All three tools work on the new labeling engine and data defined labeling needs to be enabled for the layer (e.g. x coordinate attribute / y coordinate attribute for the move tool, rotation for the rotate tool). Additionally, the layer needs to be in edit mode. The new tools are well suited to mix fixed label positions and automated label opsitioning in the same or among several layers. If the x- or y attribute value is NULL, the position is set automatically by the pal library (http://pal.heig-vd.ch/). As soon as a position is manipulated by the move label tool, the position is written into the attribute field and the label position for this feature is fixed. So if a layer does not yet have attribute fields for x, y, you could create two new fields of type double (using the buttons in the vector properties dialog or in the attribute table). Initially, all values will be ‘NULL’ and all the label positions set automatically.

There are further plans to improve the user interface. It could be handy to have the properties dialog always open (non-modal), which would allow faster edits of a large number of labels. And a live text rotation preview is planned too. And yes, if someone likes making real icons, this would be highly appreciated (my graphical skills are somewhat limited…).
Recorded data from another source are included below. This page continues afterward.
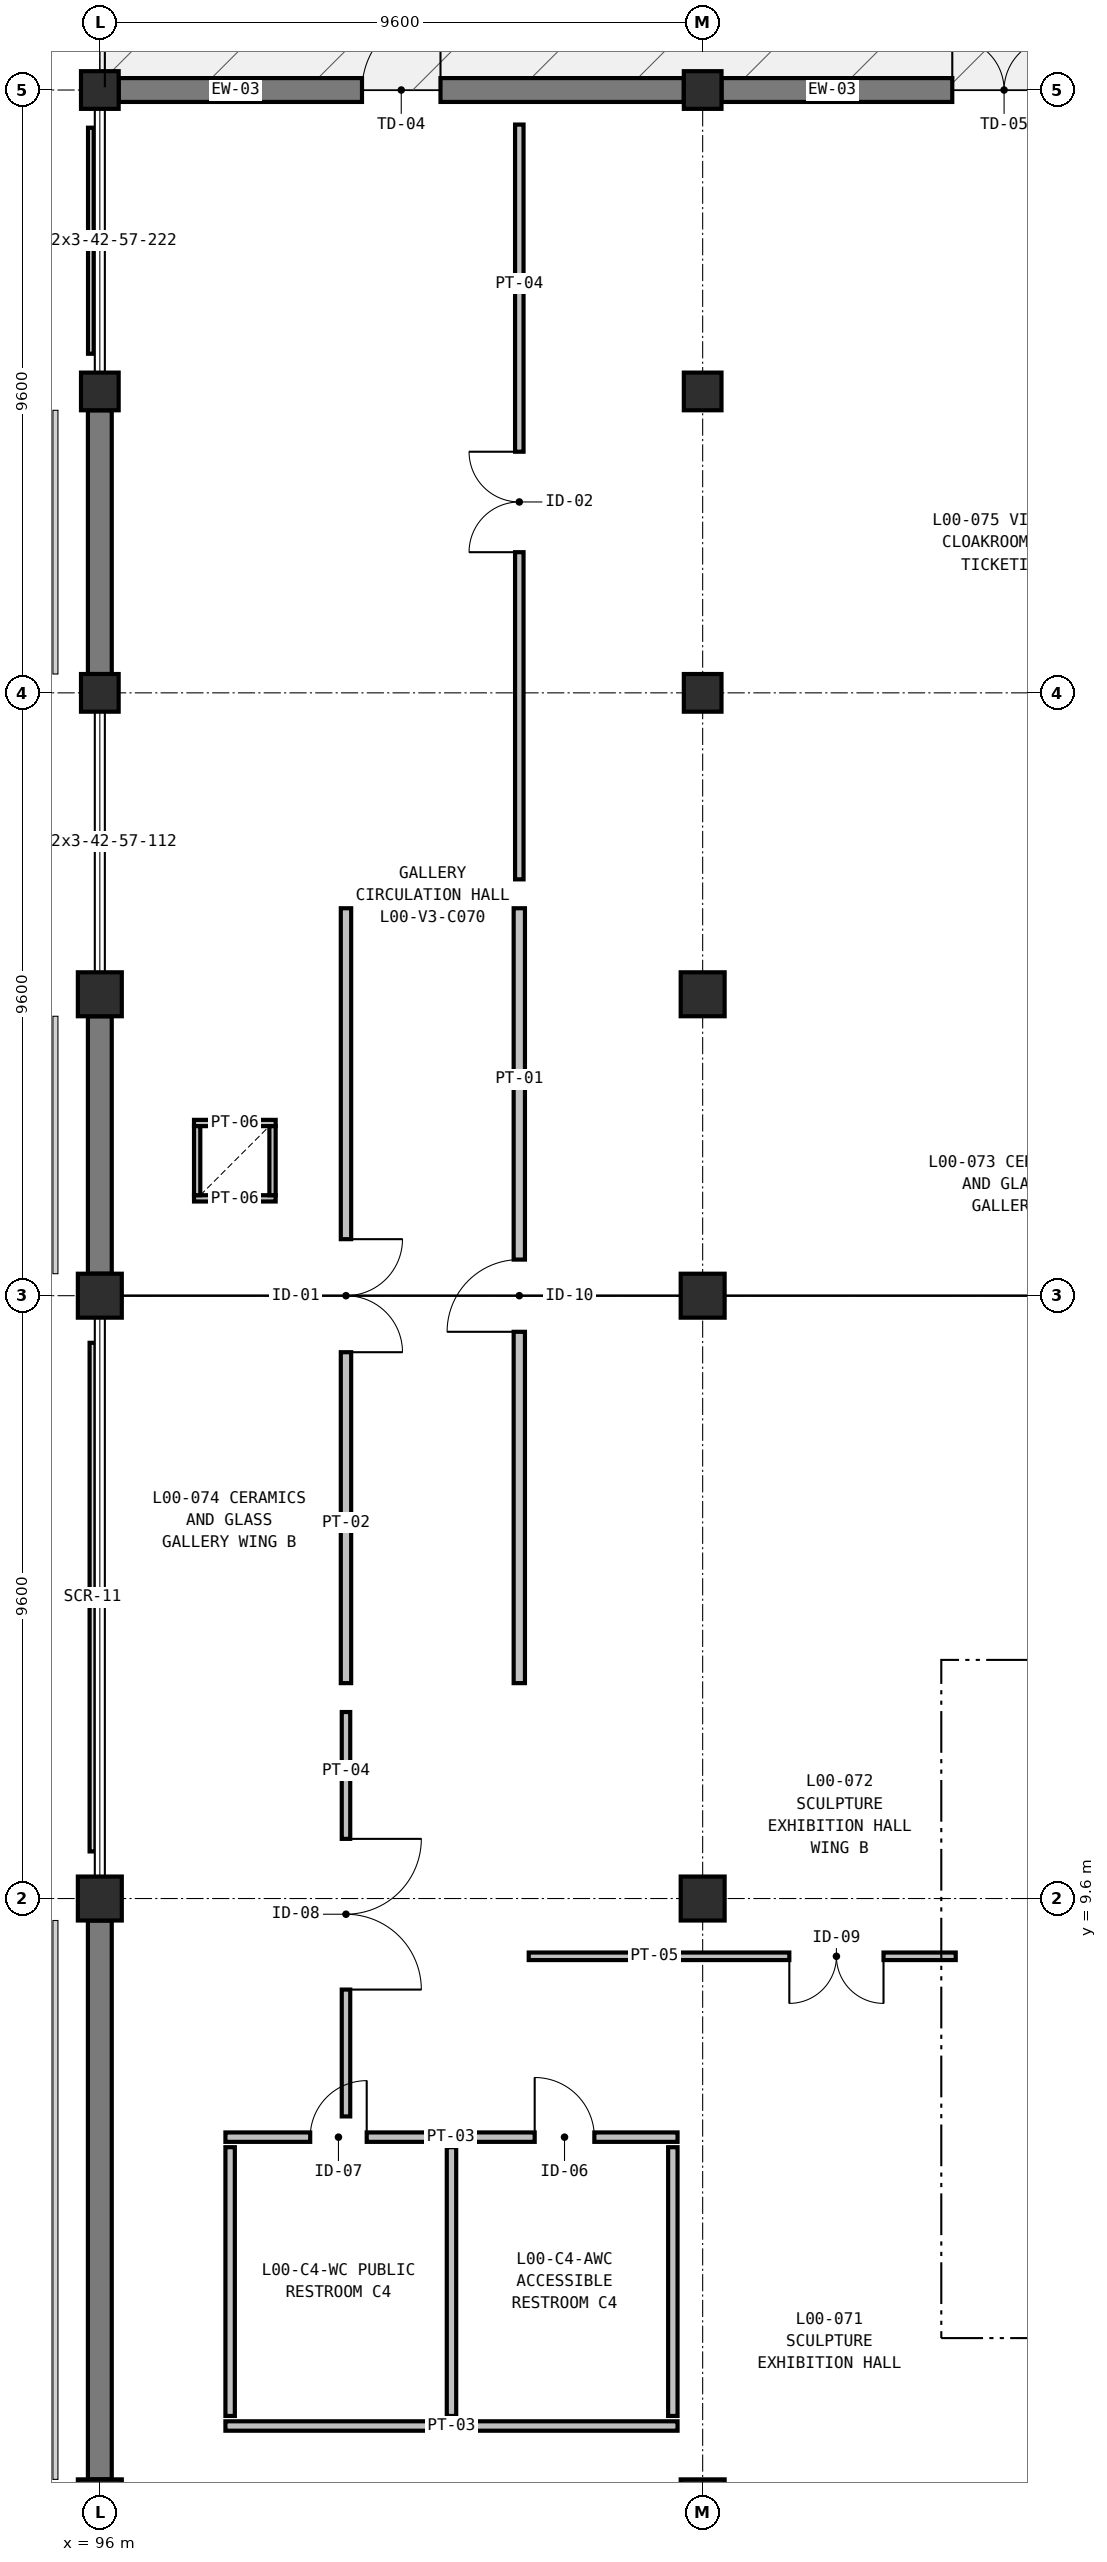
"""IFC4 building model, lengths in metres.
Left out: names, types, materials, properties, quantities, classifications, styles, units other than length and angle.
Written with IfcOpenShell. Run it as: python <this file> out.ifc"""

import sys

from ifc_helpers import new_model, si_unit, direction, frame, frame_2d, origin, origin_2d, place, context, subcontext, project, spatial, rectangle, extrude, element, fill, save


model = new_model("IFC4")
c1 = context("Model", 3, precision=1e-05, world=origin(), true_north=direction((0.0, 1.0)))
c2 = subcontext(c1, "Body", "Model", "MODEL_VIEW")
j1 = project(units=[si_unit("LENGTHUNIT", "METRE"), si_unit("PLANEANGLEUNIT", "RADIAN")], contexts=[c1])
p1 = place(None, origin())
s1 = spatial("IfcSite", under=j1, at=p1, CompositionType="ELEMENT")
p2 = place(p1, origin())
s2 = spatial("IfcBuilding", under=s1, at=p2, CompositionType="ELEMENT")
p3 = place(p2, origin())
s3 = spatial("IfcBuildingStorey", under=s2, at=p3, CompositionType="ELEMENT", Elevation=0.0)
for number, where, z_axis, x_axis in (
    (1, (96.0, 0.0, 0.0), (0.0, 0.0, 1.0), (1.0, 0.0, 0.0)),
    (2, (96.0, 9.6, 0.0), (0.0, 0.0, 1.0), (1.0, 0.0, 0.0)),
    (3, (96.0, 19.2, 0.0), (0.0, 0.0, 1.0), (1.0, 0.0, 0.0)),
    (4, (96.0, 24.0, 0.0), (0.0, 0.0, 1.0), (1.0, 0.0, 0.0)),
):
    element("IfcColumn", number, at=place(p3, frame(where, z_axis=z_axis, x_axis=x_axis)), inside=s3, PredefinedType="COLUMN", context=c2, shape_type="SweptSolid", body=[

Finally I’d like to thank the city of Thun (Switzerland) for funding these tools and sharing it with the rest of the FOSSGIS world.

Testing UMN Mapfiles with QGIS

The Sunday night session of the QGIS hackfest resulted in a new release of the Mapfile Tools plugin.

This QGIS plugin allows you to display an UMN Mapserver mapfile in QGIS without running a Mapserver instance. It depends only on Mapscript (apt-get install python-mapscript on Debian/Ubuntu) and allows you to zoom and pan on the mapfile layer.

In release 0.6, an output window has been added, which shows error messages and detailed layer information. This makes it a convenient tool to test your mapfiles.

QGIS goes 3D

Marco, Matthias and me spent three days at the QGIS hackfest in Wroclaw (pictures). There I got the time to work on the QGIS globe plugin and made a presentation of the current state.

As soon as the threading branch (Martin Dobias’ Google of Summer project) is merged into trunk, the globe should make its way into trunk as well. In the meantime you can compile the QGIS branch from guthub to test the globe. Thanks Vincent for writing step by step build instructions.